We’re skeptical that Rolovich will be coaching the Cougars for next weekend’s game against Brigham Young. He has every right to not get vaccinated, and the university has every right to fire him for not getting vaccinated.
4. Ducks duck and upset
Alone among the Power Five conference, the Pac-12 has just one team — Oregon — with less than two losses.
Because the Ducks also beat Ohio State, they remain a playoff contender.
Sure, they lost at Stanford (3-4) a few weeks ago.
Sure, they struggled to beat back Cal (1-5) on Friday night.
No, they haven’t looked at all like a playoff team since Week Two, unless you’re referring to the FCS playoffs.
But guess what: It doesn’t matter how Oregon looks in October. Forget style points.
All that matters is that the Ducks keep winning, all the way through the first weekend in December. As a 12-1 Pac-12 champion with a victory at Ohio State, they would have a terrific chance to make the CFP.
But because of the loss at Stanford, they need to win out.
Oregon is the conference’s only chance to claim a playoff berth for the first time since 2016.
Everybody else has at least two losses. No two-loss team has ever made the CFP, and I guarantee the first team that makes the cut won’t come from the Pac-12.
5. Meltdown on Montlake
The losses are mounting, the fans are panicking, and time is running short for Washington.
After a 24-17 loss to UCLA in which neither the offense nor defense performed well, the Huskies are 2-4 and in serious danger of missing the postseason.
They need four wins in their final six games, which isn’t quite as daunting as it seems given the presence of Arizona and Colorado on the schedule.
Quarterback Dylan Morris is far from the only problem, but he’s hardly playing at an elite level.
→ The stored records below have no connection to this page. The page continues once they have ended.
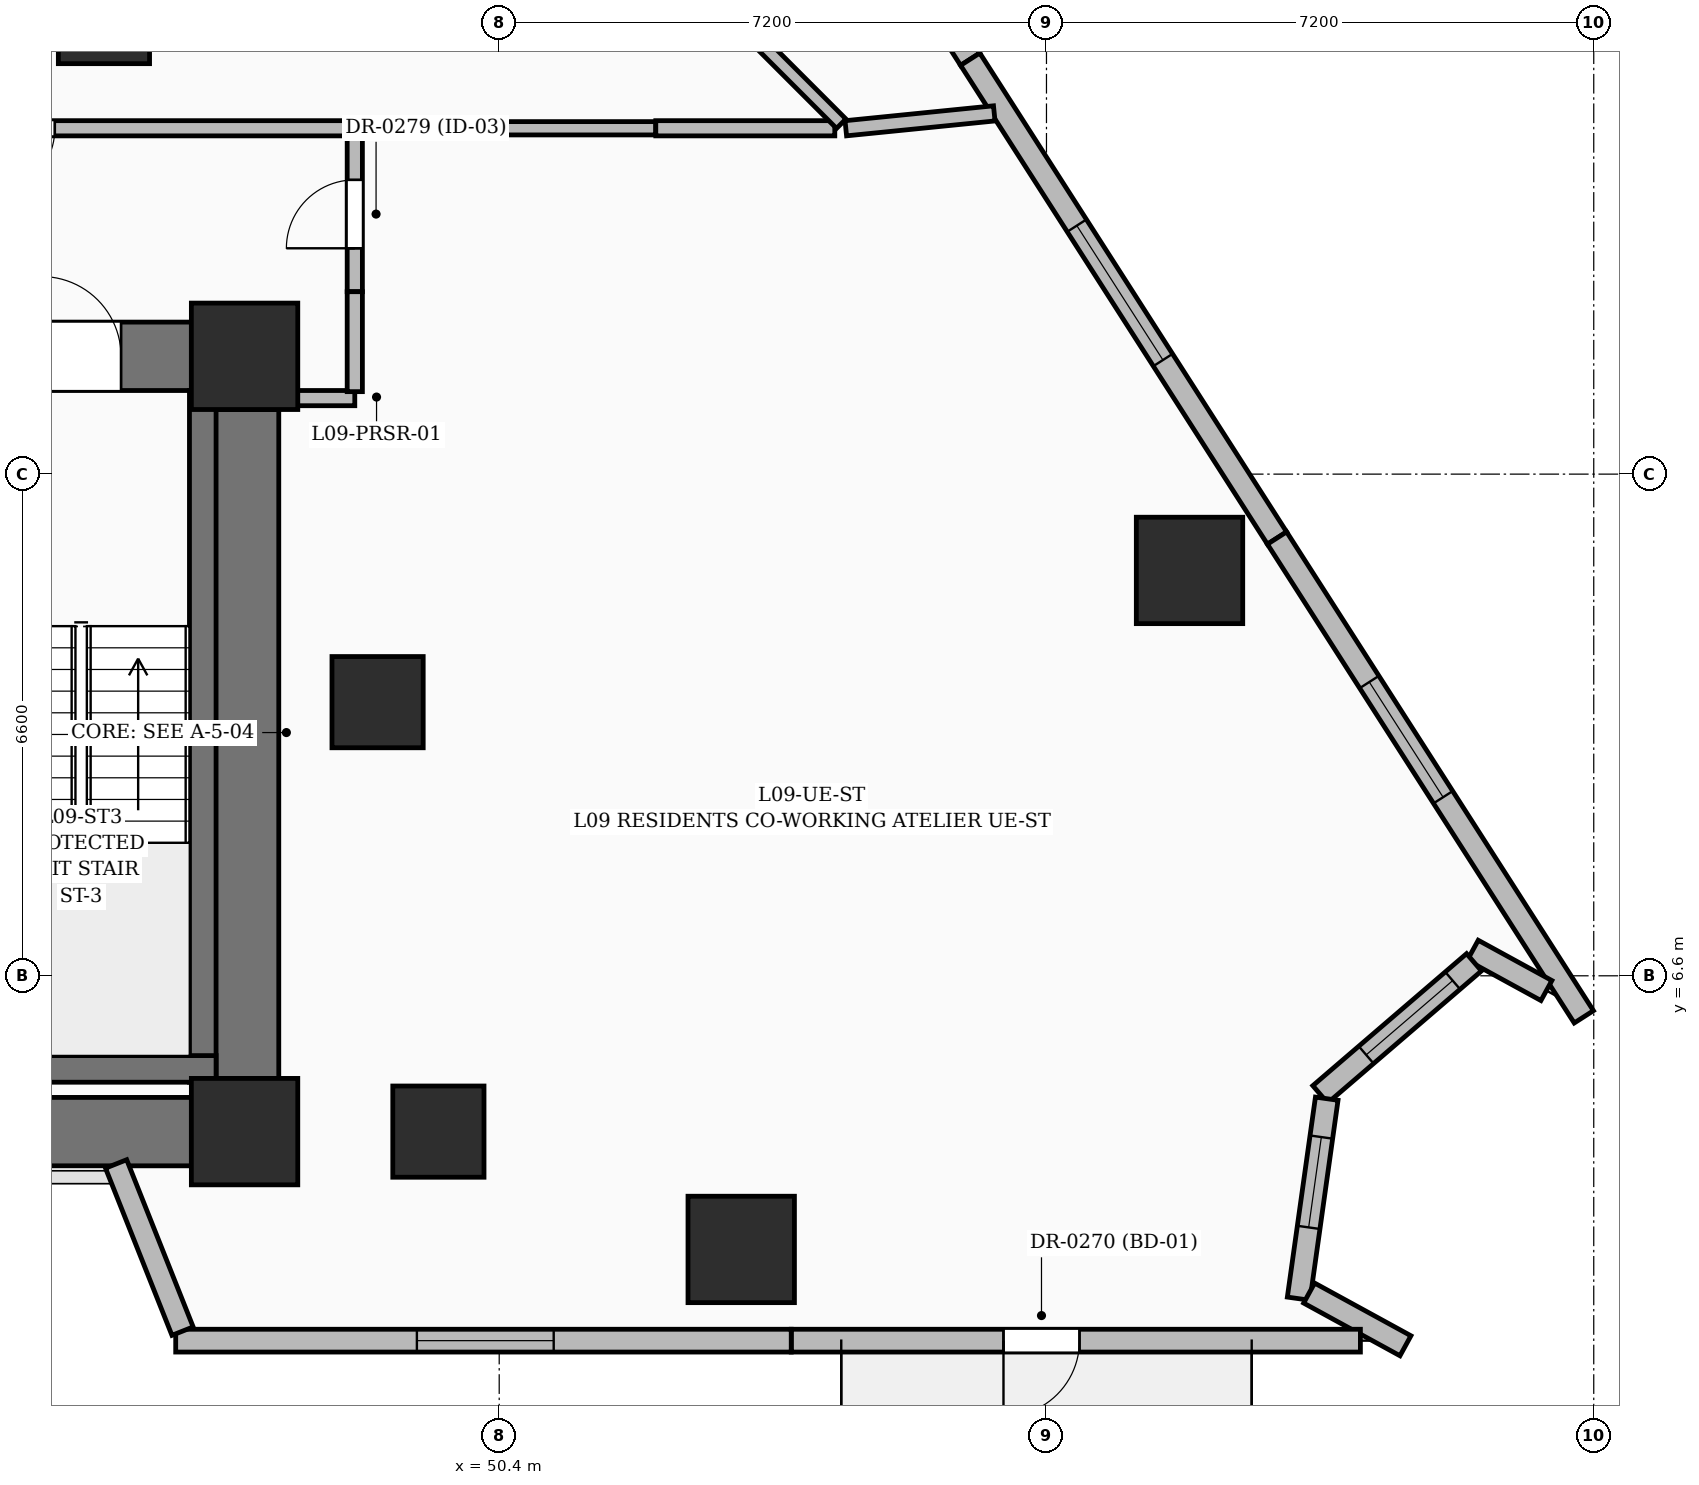
"""IFC4 building model, lengths in metres.
Left out: names, types, materials, properties, quantities, classifications, styles, units other than length and angle.
Written with IfcOpenShell. Run it as: python <this file> out.ifc"""

import sys

from ifc_helpers import new_model, si_unit, direction, frame, frame_2d, origin, origin_2d, place, context, subcontext, project, spatial, rectangle, extrude, element, fill, save


model = new_model("IFC4")
c1 = context("Model", 3, precision=1e-05, world=origin(), true_north=direction((0.0, 1.0)))
c2 = subcontext(c1, "Body", "Model", "MODEL_VIEW")
j1 = project(units=[si_unit("LENGTHUNIT", "METRE"), si_unit("PLANEANGLEUNIT", "RADIAN")], contexts=[c1])
p1 = place(None, origin())
s1 = spatial("IfcSite", under=j1, at=p1, CompositionType="ELEMENT")
p2 = place(p1, origin())
s2 = spatial("IfcBuilding", under=s1, at=p2, CompositionType="ELEMENT")
p3 = place(p2, frame((0.0, 0.0, 42.6)))
s3 = spatial("IfcBuildingStorey", under=s2, at=p3, CompositionType="ELEMENT", Elevation=42.6)
for number, where, z_axis, x_axis in (
    (1, (47.05, 4.55, 0.0), (0.0, 0.0, 1.0), (1.0, 0.0, 0.0)),
    (2, (47.05, 14.75, 0.0), (0.0, 0.0, 1.0), (1.0, 0.0, 0.0)),
):
    element("IfcColumn", number, at=place(p3, frame(where, z_axis=z_axis, x_axis=x_axis)), inside=s3, PredefinedType="COLUMN", context=c2, shape_type="SweptSolid", body=[
        extrude(rectangle(XDim=1.4, YDim=1.4, at=origin_2d()), origin(), (0.0, 0.0, 1.0), 3.6),
    ])
for number, where, z_axis, x_axis in (
    (3, (49.6, 4.55, 0.0), (0.0, 0.0, 1.0), (1.0, 0.0, 0.0)),
    (4, (48.8, 10.2, 0.0), (0.0, 0.0, 1.0), (1.0, 0.0, 0.0)),
    (5, (45.2, 19.2, 0.0), (0.0, 0.0, 1.0), (1.0, 0.0, 0.0)),
):
    element("IfcColumn", number, at=place(p3, frame(where, z_axis=z_axis, x_axis=x_axis)), inside=s3, PredefinedType="COLUMN", context=c2, shape_type="SweptSolid", body=[
        extrude(rectangle(XDim=1.2, YDim=1.2, at=origin_2d()), origin(), (0.0, 0.0, 1.0), 3.6),
    ])
p4 = place(p3, frame((35.85, 4.55, 0.0), z_axis=(0.0, 0.0, 1.0), x_axis=(1.0, 0.0, 0.0)))
e6 = element("IfcWall", 6, at=p4, inside=s3, PredefinedType="SHEAR", context=c2, shape_type="SweptSolid", body=[
    extrude(rectangle(XDim=10.5, YDim=0.9, at=frame_2d((5.25, 0.0))), origin(), (0.0, 0.0, 1.0), 3.6),
])
p5 = place(p3, frame((35.85, 14.75, 0.0), z_axis=(0.0, 0.0, 1.0), x_axis=(1.0, 0.0, 0.0)))
e7 = element("IfcWall", 7, at=p5, inside=s3, PredefinedType="SHEAR", context=c2, shape_type="SweptSolid", body=[
    extrude(rectangle(XDim=10.5, YDim=0.9, at=frame_2d((5.25, 0.0))), origin(), (0.0, 0.0, 1.0), 3.6),
])
p6 = place(p5, frame((0.925, 0.0, 0.0)))
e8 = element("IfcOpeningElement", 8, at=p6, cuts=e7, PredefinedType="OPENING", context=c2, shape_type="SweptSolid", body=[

We wouldn’t be surprised if the Huskies make a change and insert freshman Sam Huard.
However the second half of the season unfolds, it’s clear that Washington coach Jimmy Lake cannot afford to keep his coaching staff intact for 2022. He must make changes.
(Plenty of UW fans want the changes to include Lake’s dismissal; we don’t believe that will or should happen.)
With the controversial appointment of John Donovan as the offensive coordinator and the promotion of Bob Gregory on the defensive side, Lake seemingly opted for hires that allowed him to feel comfortable and avoid threatening situations.
That’s no way to win at the highest level.
Lake needs to find the best offensive play-caller available and offer him whatever it takes — even if the candidate is a former head coach who might create a bit of tension within the staff. Tension and expertise are better than comfort and defeat.
Under Donovan, UW’s offense can best be described as 60 minutes of milquetoast interrupted by occasional moments of creativity.
While many fans overestimate the amount of talent on the roster, especially at the skill positions, there is little doubt the Huskies are too easy to defend.
Lake needs to recognize the need for a disruptor, for an ingenious play-caller — even if the new guy has a big ego and massive ambition and could force the second-year head coach out of his comfort zone.